Xavier Q Farfán
Crónicas del Sendero de la Gruta. Decimoctava parte.
Cuando salimos de la casa de Don Ramiro faltaba poco para la media noche y la calle de los Adobes y la alameda lucían desiertas y silenciosas; sólo se llegaban a escuchar los aullidos lejanos de los coyotes que eran respondidos por los perros locales con desgano. En el camino a la casa de gobierno Don Salmón se decía sorprendido por la vitalidad del anciano venerable, quien a pesar de su enfermedad, mostraba una pasión envidiable a la hora de hacer sus narraciones tan entretenidas. Nunca se cansa de contar historias; creo que eso lo mantiene ocupado, y vivo, reflexionaba el Jerarca. Y de pilón se da el lujo de pertenecer a la mesa de notables, que como usted sabe, mi querido Don Aurelio, decide los asuntos más importantes de El Leñoso, y los urgentes me los dejan a mí. Y que conste que no me estoy quejando, se desmarcó entre risitas.
Al cruzar la plaza principal Espirigota señaló a dos hombres sentados en una las bancas. Son los policías nocturnos, los encargados de velar por la tranquilidad del pueblo y son hombres de mucha confianza; ellos y los que vigilan durante el día son los únicos que pueden andar armados aquí, me informó. Y deje le comento algo curioso: ninguno de ellos se ha visto en la necesidad de soltar ningún balazo en los últimos años, ni siquiera para ahuyentar a nadie, alardeó.
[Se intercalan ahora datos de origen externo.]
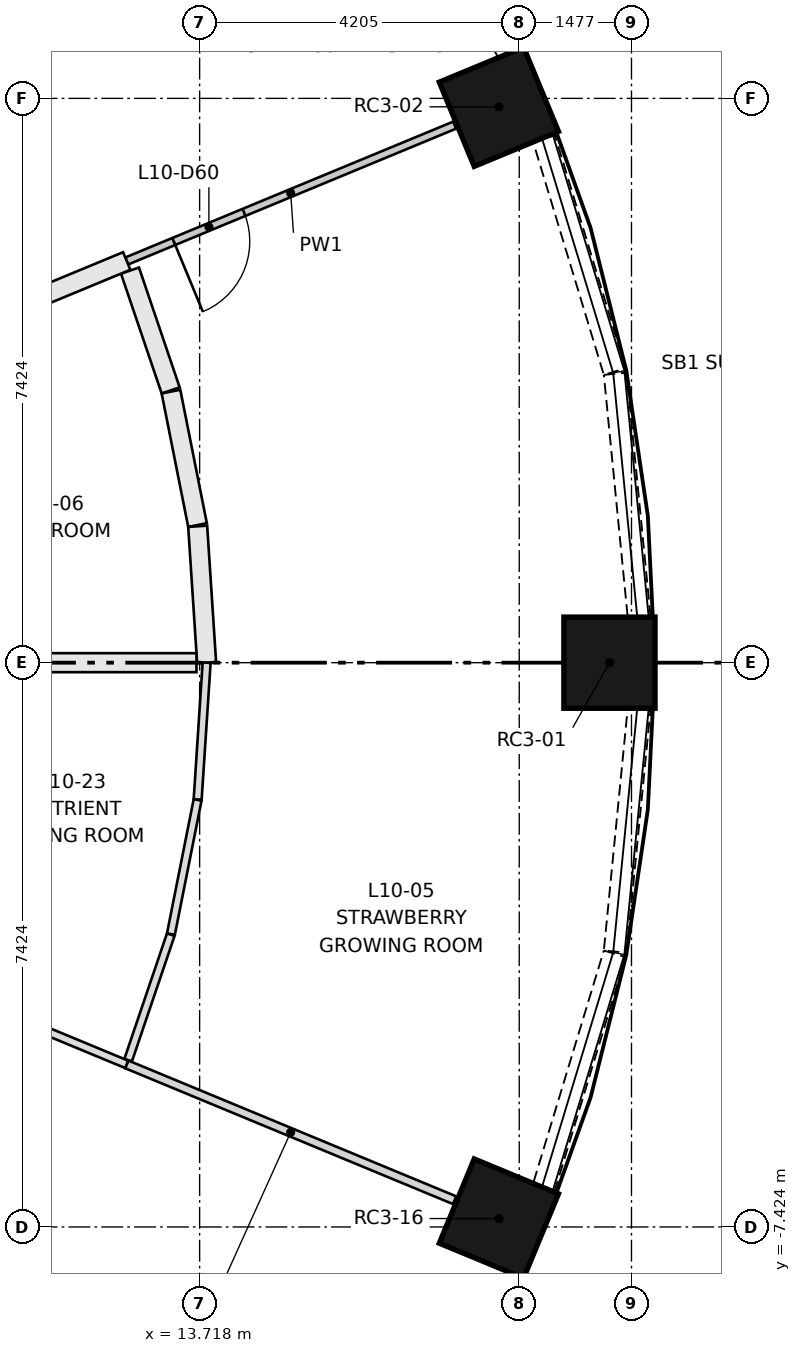
"""IFC4 building model, lengths in metres.
Left out: names, types, materials, properties, quantities, classifications, styles, units other than length and angle.
Written with IfcOpenShell. Run it as: python <this file> out.ifc"""

import sys

from ifc_helpers import new_model, si_unit, direction, frame, frame_2d, origin, origin_2d, place, context, subcontext, project, spatial, rectangle, extrude, element, fill, save


model = new_model("IFC4")
c1 = context("Model", 3, precision=1e-05, world=origin(), true_north=direction((0.0, 1.0)))
c2 = subcontext(c1, "Body", "Model", "MODEL_VIEW")
j1 = project(units=[si_unit("LENGTHUNIT", "METRE"), si_unit("PLANEANGLEUNIT", "RADIAN")], contexts=[c1])
p1 = place(None, origin())
s1 = spatial("IfcSite", under=j1, at=p1, CompositionType="ELEMENT")
p2 = place(p1, origin())
s2 = spatial("IfcBuilding", under=s1, at=p2, CompositionType="ELEMENT")
p3 = place(p2, frame((0.0, 0.0, 40.8)))
s3 = spatial("IfcBuildingStorey", under=s2, at=p3, CompositionType="ELEMENT", Elevation=40.8)
for number, where, z_axis, x_axis in (
    (1, (19.11, 0.0, 0.0), (0.0, 0.0, 1.0), (1.0, 0.0, 0.0)),
    (2, (17.655, 7.313, 0.0), (0.0, 0.0, 1.0), (0.924, 0.383, 0.0)),
    (3, (17.655, -7.313, 0.0), (0.0, 0.0, 1.0), (0.924, -0.383, 0.0)),
):
    element("IfcColumn", number, at=place(p3, frame(where, z_axis=z_axis, x_axis=x_axis)), inside=s3, PredefinedType="COLUMN", context=c2, shape_type="SweptSolid", body=[
        extrude(rectangle(XDim=1.2, YDim=1.2, at=origin_2d()), origin(), (0.0, 0.0, 1.0), 3.65),
    ])
p4 = place(p3, frame((19.5, 0.613, 0.0), z_axis=(0.0, 0.0, 1.0), x_axis=(-0.098002102993, 0.995186207606, 0.0)))
e4 = element("IfcWall", 4, at=p4, inside=s3, PredefinedType="SOLIDWALL", context=c2, shape_type="SweptSolid", body=[
    extrude(rectangle(XDim=3.204, YDim=0.3, at=frame_2d((1.602, 0.0))), origin(), (0.0, 0.0, 1.0), 0.9),
])
p5 = place(p3, frame((19.18, 3.83, 0.0), z_axis=(0.0, 0.0, 1.0), x_axis=(-0.290472877795, 0.956883225512, 0.0)))
e5 = element("IfcWall", 5, at=p5, inside=s3, PredefinedType="SOLIDWALL", context=c2, shape_type="SweptSolid", body=[
    extrude(rectangle(XDim=3.202, YDim=0.3, at=frame_2d((1.601, 0.0))), origin(), (0.0, 0.0, 1.0), 0.9),
])
for number, where, z_axis, x_axis in (
    (6, (17.78, 8.028, 0.0), (0.0, 0.0, 1.0), (-0.471, 0.882, 0.0)),
    (7, (16.27, -10.854, 0.0), (0.0, 0.0, 1.0), (0.471, 0.882, 0.0)),
):
    element("IfcWall", number, at=place(p3, frame(where, z_axis=z_axis, x_axis=x_axis)), inside=s3, PredefinedType="SOLIDWALL", context=c2, shape_type="SweptSolid", body=[
        extrude(rectangle(XDim=3.204, YDim=0.3, at=frame_2d((1.602, 0.0))), origin(), (0.0, 0.0, 1.0), 0.9),
    ])
p6 = place(p3, frame((18.25, -6.895, 0.0), z_axis=(0.0, 0.0, 1.0), x_axis=(0.290472877795, 0.956883225512, 0.0)))
e8 = element("IfcWall", 8, at=p6, inside=s3, PredefinedType="SOLIDWALL", context=c2, shape_type="SweptSolid", body=[
    extrude(rectangle(XDim=3.202, YDim=0.3, at=frame_2d((1.601, 0.0))), origin(), (0.0, 0.0, 1.0), 0.9),
])
p7 = place(p3, frame((19.186, -3.801, 0.0), z_axis=(0.0, 0.0, 1.0), x_axis=(0.098002102993, 0.995186207606, 0.0)))
e9 = element("IfcWall", 9, at=p7, inside=s3, PredefinedType="SOLIDWALL", context=c2, shape_type="SweptSolid", body=[
    extrude(rectangle(XDim=3.204, YDim=0.3, at=frame_2d((1.602, 0.0))), origin(), (0.0, 0.0, 1.0), 0.9),
])
p8 = place(p3, frame((13.337, 3.582, 0.0), z_axis=(0.0, 0.0, 1.0), x_axis=(-0.321458381335, 0.946923708157, 0.0)))
e10 = element("IfcWall", 10, at=p8, inside=s3, PredefinedType="PARTITIONING", context=c2, shape_type="SweptSolid", body=[
    extrude(rectangle(XDim=1.665, YDim=0.25, at=frame_2d((0.833, 0.0))), origin(), (0.0, 0.0, 1.0), 3.3),
])
p9 = place(p3, frame((13.69, 1.811, 0.0), z_axis=(0.0, 0.0, 1.0), x_axis=(-0.195014530736, 0.980800353182, 0.0)))
e11 = element("IfcWall", 11, at=p9, inside=s3, PredefinedType="PARTITIONING", context=c2, shape_type="SweptSolid", body=[
    extrude(rectangle(XDim=1.79, YDim=0.25, at=frame_2d((0.895, 0.0))), origin(), (0.0, 0.0, 1.0), 3.3),
])
p10 = place(p3, frame((13.81, 0.0, 0.0), z_axis=(0.0, 0.0, 1.0), x_axis=(-0.065437674742, 0.997856658406, 0.0)))
e12 = element("IfcWall", 12, at=p10, inside=s3, PredefinedType="PARTITIONING", context=c2, shape_type="SweptSolid", body=[
    extrude(rectangle(XDim=1.798, YDim=0.25, at=frame_2d((0.899, 0.0))), origin(), (0.0, 0.0, 1.0), 3.3),
])
p11 = place(p3, frame((17.073, 7.072, 0.0), z_axis=(0.0, 0.0, 1.0), x_axis=(-0.92387920118, -0.382684232268, 0.0)))
e13 = element("IfcWall", 13, at=p11, inside=s3, PredefinedType="PARTITIONING", context=c2, shape_type="SweptSolid", body=[
    extrude(rectangle(XDim=4.67, YDim=0.1, at=frame_2d((2.335, 0.0))), origin(), (0.0, 0.0, 1.0), 3.3),
])
p12 = place(p11, frame((3.0, 0.0, 0.0)))
e14 = element("IfcOpeningElement", 14, at=p12, cuts=e13, PredefinedType="OPENING", context=c2, shape_type="SweptSolid", body=[
    extrude(rectangle(XDim=1.0, YDim=2.1, at=frame_2d((0.5, 1.05))), frame((0.0, 0.06, 0.0), z_axis=(0.0, -1.0, 0.0), x_axis=(1.0, 0.0, 0.0)), (0.0, 0.0, 1.0), 0.12),
])
p13 = place(p3, frame((17.073, -7.072, 0.0), z_axis=(0.0, 0.0, 1.0), x_axis=(-0.92387920118, 0.382684232268, 0.0)))
e15 = element("IfcWall", 15, at=p13, inside=s3, PredefinedType="PARTITIONING", context=c2, shape_type="SweptSolid", body=[
    extrude(rectangle(XDim=4.67, YDim=0.11, at=frame_2d((2.335, 0.0))), origin(), (0.0, 0.0, 1.0), 3.3),
])
p14 = place(p3, frame((12.778, -5.229, 0.0), z_axis=(0.0, 0.0, 1.0), x_axis=(0.321513757885, 0.946904907311, 0.0)))
e16 = element("IfcWall", 16, at=p14, inside=s3, PredefinedType="PARTITIONING", context=c2, shape_type="SweptSolid", body=[
    extrude(rectangle(XDim=1.744, YDim=0.105, at=frame_2d((0.872, 0.0))), origin(), (0.0, 0.0, 1.0), 3.3),
])
p15 = place(p3, frame((13.34, -3.571, 0.0), z_axis=(0.0, 0.0, 1.0), x_axis=(0.195098478373, 0.980783657968, 0.0)))
e17 = element("IfcWall", 17, at=p15, inside=s3, PredefinedType="PARTITIONING", context=c2, shape_type="SweptSolid", body=[
    extrude(rectangle(XDim=1.8, YDim=0.105, at=frame_2d((0.9, 0.0))), origin(), (0.0, 0.0, 1.0), 3.3),
])
p16 = place(p3, frame((13.692, -1.799, 0.0), z_axis=(0.0, 0.0, 1.0), x_axis=(0.065395671101, 0.997859412042, 0.0)))
e18 = element("IfcWall", 18, at=p16, inside=s3, PredefinedType="PARTITIONING", context=c2, shape_type="SweptSolid", body=[
    extrude(rectangle(XDim=1.803, YDim=0.105, at=frame_2d((0.902, 0.0))), origin(), (0.0, 0.0, 1.0), 3.3),
])
p17 = place(p3, frame((10.047, 4.162, 0.0), z_axis=(0.0, 0.0, 1.0), x_axis=(0.92388200997, 0.382677451195, 0.0)))
e19 = element("IfcWall", 19, at=p17, inside=s3, PredefinedType="PARTITIONING", context=c2, shape_type="SweptSolid", body=[
    extrude(rectangle(XDim=2.935, YDim=0.25, at=frame_2d((1.468, 0.0))), origin(), (0.0, 0.0, 1.0), 3.3),
])
p18 = place(p3, frame((13.677, 0.0, 0.0), z_axis=(0.0, 0.0, 1.0), x_axis=(-1.0, 0.0, 0.0)))
e20 = element("IfcWall", 20, at=p18, inside=s3, PredefinedType="PARTITIONING", context=c2, shape_type="SweptSolid", body=[
    extrude(rectangle(XDim=3.677, YDim=0.25, at=frame_2d((1.839, 0.0))), origin(), (0.0, 0.0, 1.0), 3.3),
])
p19 = place(p3, frame((9.957, -4.124, 0.0), z_axis=(0.0, 0.0, 1.0), x_axis=(0.923860842545, -0.382728550819, 0.0)))
e21 = element("IfcWall", 21, at=p19, inside=s3, PredefinedType="PARTITIONING", context=c2, shape_type="SweptSolid", body=[
    extrude(rectangle(XDim=3.033, YDim=0.105, at=frame_2d((1.517, 0.0))), origin(), (0.0, 0.0, 1.0), 3.3),
])
p20 = place(p12, origin())
e22 = element("IfcDoor", 22, at=p20, inside=s3, OperationType="SINGLE_SWING_RIGHT", PredefinedType="DOOR", context=c2, shape_type="SweptSolid", body=[
    extrude(rectangle(XDim=1.0, YDim=2.1, at=frame_2d((0.5, 1.05))), frame((0.0, 0.025, 0.0), z_axis=(0.0, -1.0, 0.0), x_axis=(1.0, 0.0, 0.0)), (0.0, 0.0, 1.0), 0.05),
])
fill(e14, e22)
save(model, sys.argv[1])

Nos acercamos hasta los gendarmes y les preguntó: ¿alguna novedad, muchachos? Todo en calma Don Salmón, aquí tomando el fresco antes del rondín de las doce, le respondió uno de ellos al tiempo que se paraban para saludar. Muy bien, cualquier cosa ya saben dónde estoy, les dijo y enseguida me presentó con ellos. Efraín Armenta y Jesús Torrejas, mucho gusto y para servir a usted, corearon educadamente,
Los dejamos en su chacoteo y avanzamos de nuevo rumbo a la casona, mientras Espirigota me comentaba que uno de ellos, Jesús, alias el ahorcado, era un buen elemento, muy formal y responsable, de buena familia pero que había tenido una juventud muy tormentosa a causa de la bebida. Fue como todos los mocosos de por aquí, recordaba Don Salmón, vago y rebelde, pero buen hijo. Desde chico quería ser militar o policía, y sus padres, Alejandro y Soledad, se ponían muy serios cada vez que les platicaba sus planes. Y resulta que de joven agarró la tomadera y empezaron los problemas en su casa y en la escuela. Se ponía tan violento cuando andaba borracho que todos le sacaban la vuelta y sus amigos lo empezaron a dejar solo. Sólo sus papas le dispensaban alguna consideración, porque era su hijo, pero también ya los tenía hartos. Cada vez que llegaba borracho a su casa amenazaba a todos con que se iba a ahorcar y en el patio hacía una lazada en las vigas del tejaban. Y Soledad, muy asustada, le rogaba que no lo hiciera, que lo querían mucho y que les daba mucha tristeza verlo así, todo loco, que parecía que con el licor se le metía el diablo también.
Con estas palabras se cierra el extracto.